By two different tyres I presume you mean they are of the same construction i.e. Radial and of the same size, including the aspect ratio and have met the required load and speed rating but are a different make. If so then it is legal. I would guess that millions of vehicles in use in the UK have a spare wheel that is not the same brand as the tyres fitted to the road wheels . Many MH owners have a C spare tyre to use in the event of a puncture to their CP ones, including myself

http://www.legislation.gov.uk/uksi/1986/1078/regulation/26/made


----------



## Pudsey_Bear (Sep 25, 2008)

So long as type and sizes (profile and width) are the same you are okay.


----------



## Pudsey_Bear (Sep 25, 2008)

Prices before you spend

https://www.blackcircles.com/tyres/brands/continental/vanco-camper


----------



## trek (May 1, 2005)

check out Michelin Cross Climates as they have started doing them in van sizes 

they should be very good on wet grass and also are ALL SEASON tyres and have the 3 mountains symbol


----------



## waspes (Feb 11, 2008)

Kev_n_Liz said:


> Prices before you spend
> 
> https://www.blackcircles.com/tyres/brands/continental/vanco-camper


The best deal I have found so far are these

https://www.kwik-fit.com/tyres/search/results/225/75/16/R

Peter.


----------



## Pudsey_Bear (Sep 25, 2008)

Not much in it and aS KWIK FIT are rip off merchants, I'd rather go elsewhere.


----------



## H1-GBV (Feb 28, 2006)

rayc said:


> By two different tyres I presume you mean they are of the same construction i.e. Radial and of the same size, including the aspect ratio and have met the required load and speed rating but are a different make. If so then it is legal. I would guess that millions of vehicles in use in the UK have a spare wheel that is not the same brand as the tyres fitted to the road wheels . Many MH owners have a C spare tyre to use in the event of a puncture to their CP ones, including myself
> 
> http://www.legislation.gov.uk/uksi/1986/1078/regulation/26/made


Thanks for the link.

Just today I was asking about M+S tyres as I need to replace 2 tyres, but the other 3 (NOT M+S) are fine. "Can I use a non M+S tyre on the same axle as an M+S one if I get a puncture?"

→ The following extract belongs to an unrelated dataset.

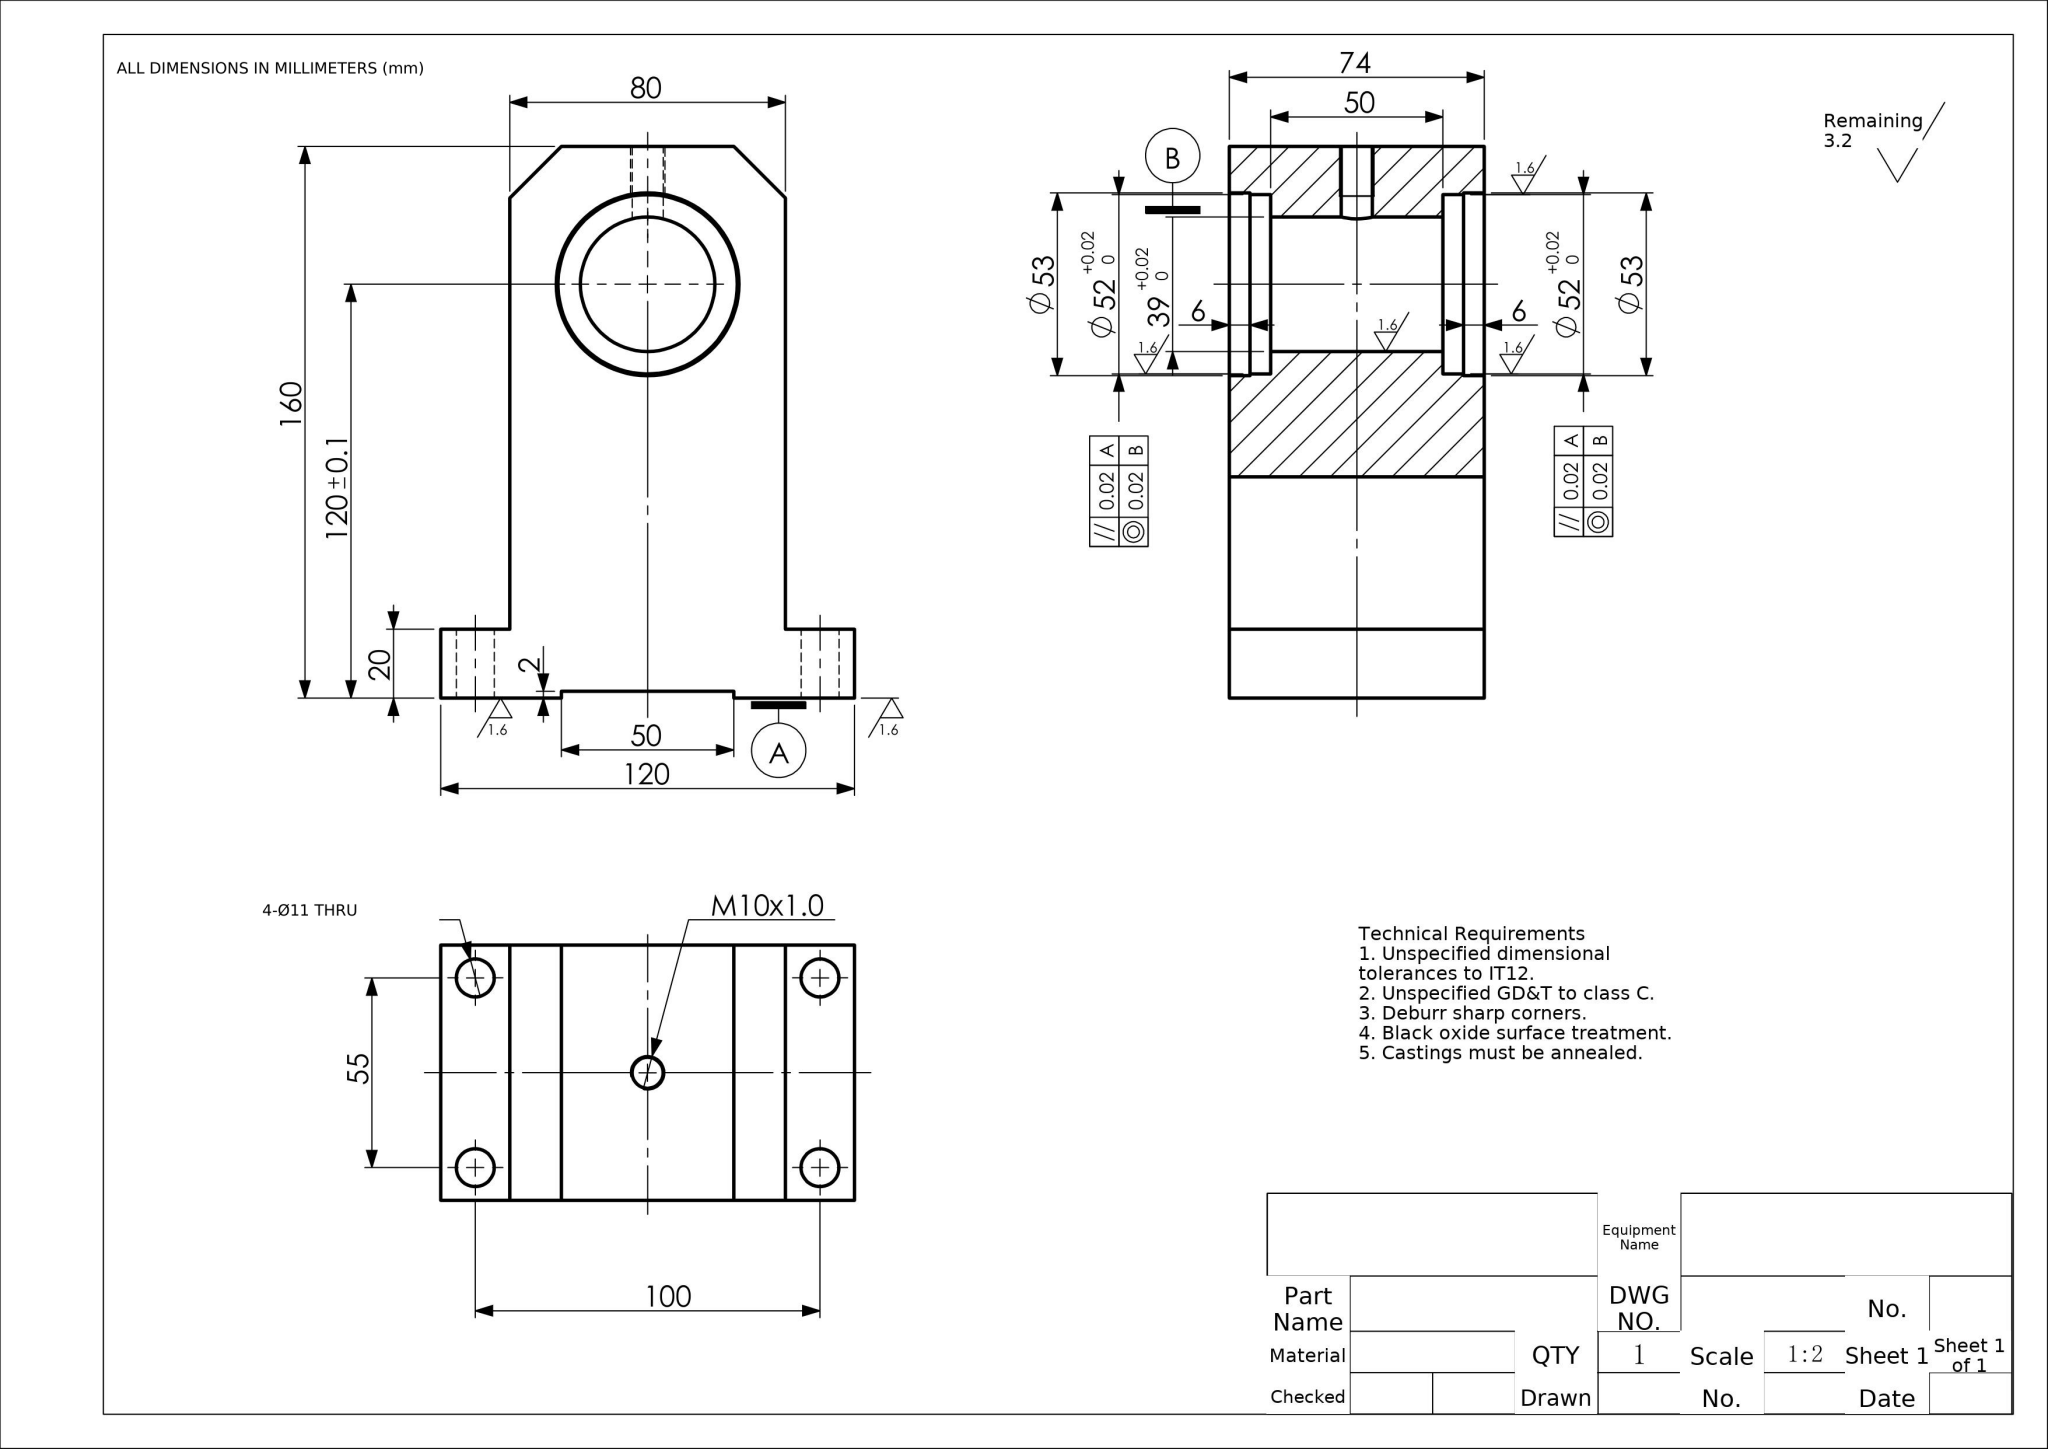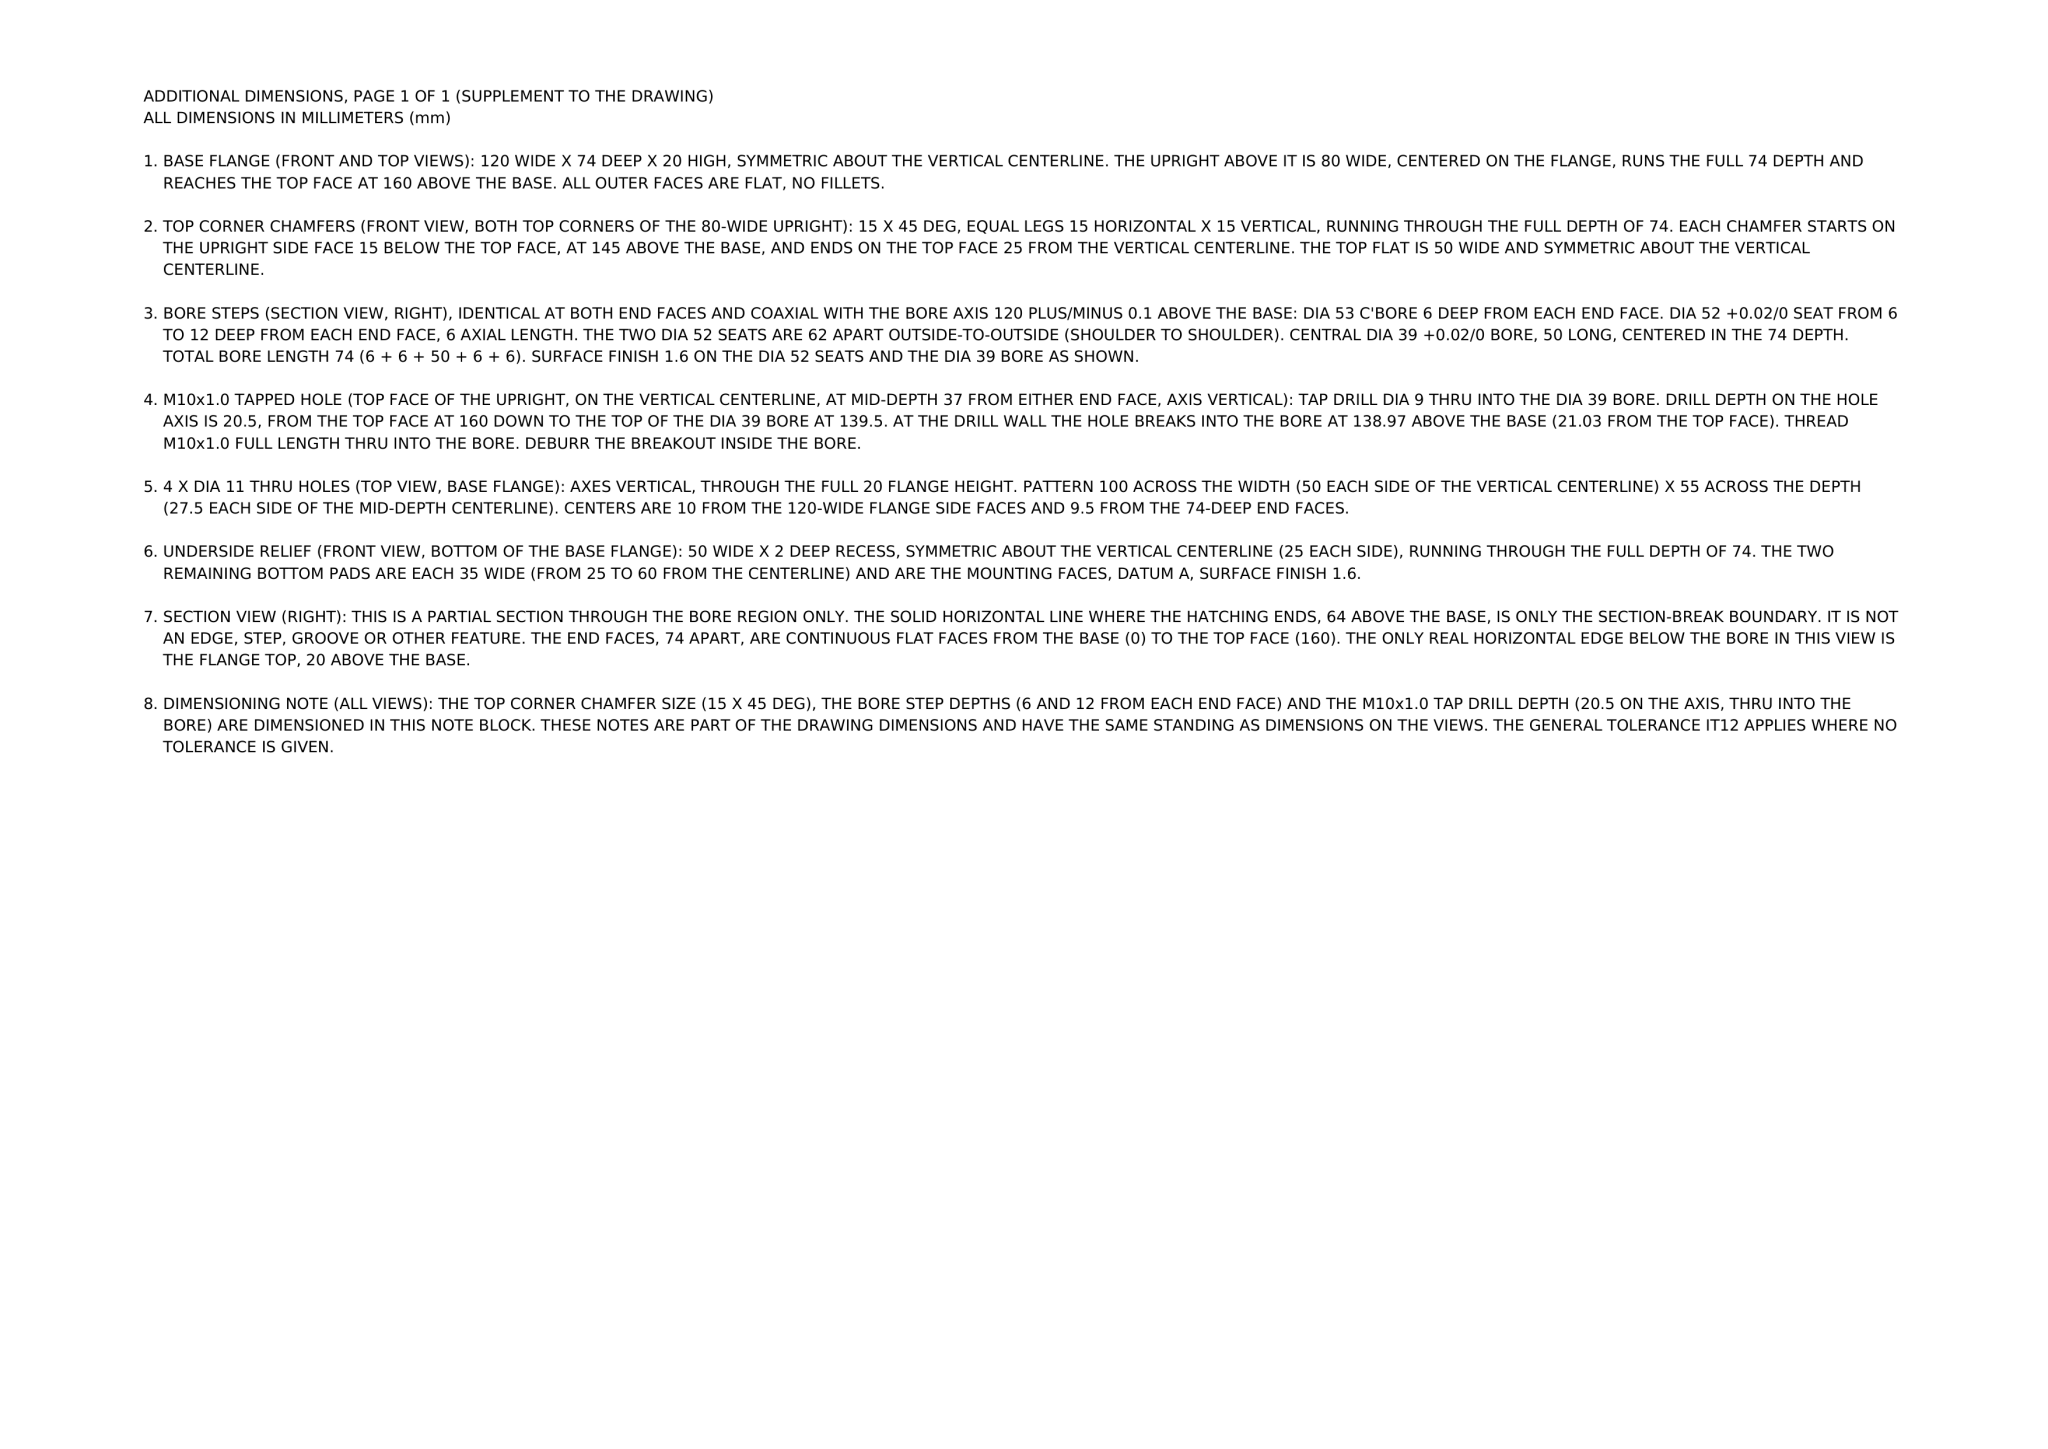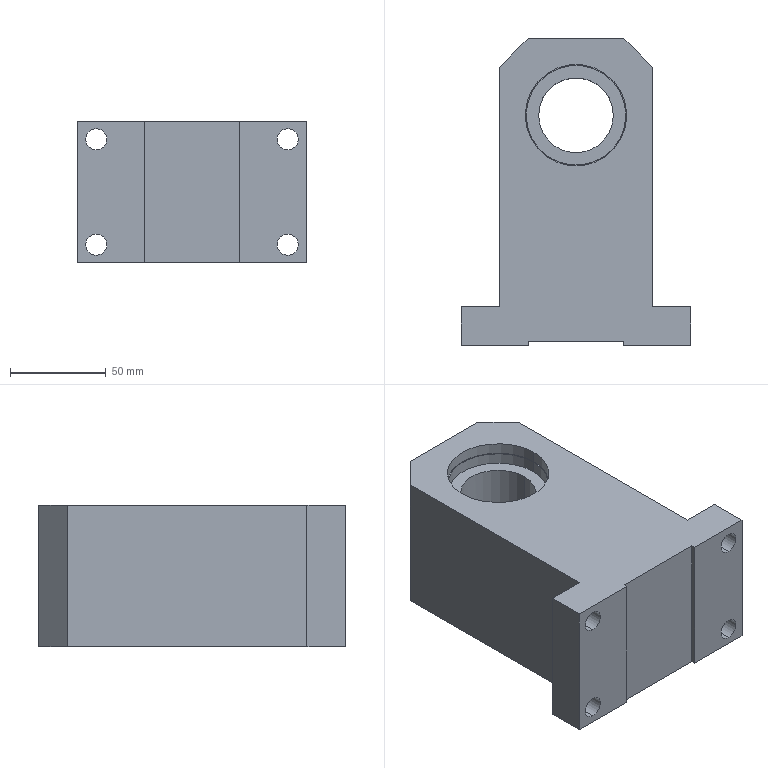Part | NX | mm | 1 solid | 40 faces | box 120 x 160 x 74 mm | volume 861747 mm3 | cylinder 20 | plane 20 | commonest cylinder face diameters 11 x8 53 x4 52 x4 9 x2 39 x2

By my reading of the link the answer is YES so long as I don't exceed 50mph. Is that what other folk think?

TIA - Gordon


----------



## trek (May 1, 2005)

My personal thoughts are never mix winter summer or all season tyres 

I often notice fwd cars with winter tyres on the front ( they must think best for grip going forward) and summers on rear and not think about stopping 

Lots of our local taxis are set up like this 

I think they should be all same type on all 4 corners 

So 4 winters Or 4 summers Or 4 all season

In the rain on a very wet road a good winter tyre has better stopping capability than a standard summer tyre , So the potential for some unexpected behaviour if you have to brake hard


----------



## rayc (Jun 3, 2008)

H1-GBV said:


> Thanks for the link.
> 
> Just today I was asking about M+S tyres as I need to replace 2 tyres, but the other 3 (NOT M+S) are fine. "Can I use a non M+S tyre on the same axle as an M+S one if I get a puncture?"
> 
> ...


I think that if it is the same construction as the other, e.g radial or crossply and is the same size, including the profile of the other then there is no speed restriction. I think that in the Regulations that only applies to space saver temporary wheels.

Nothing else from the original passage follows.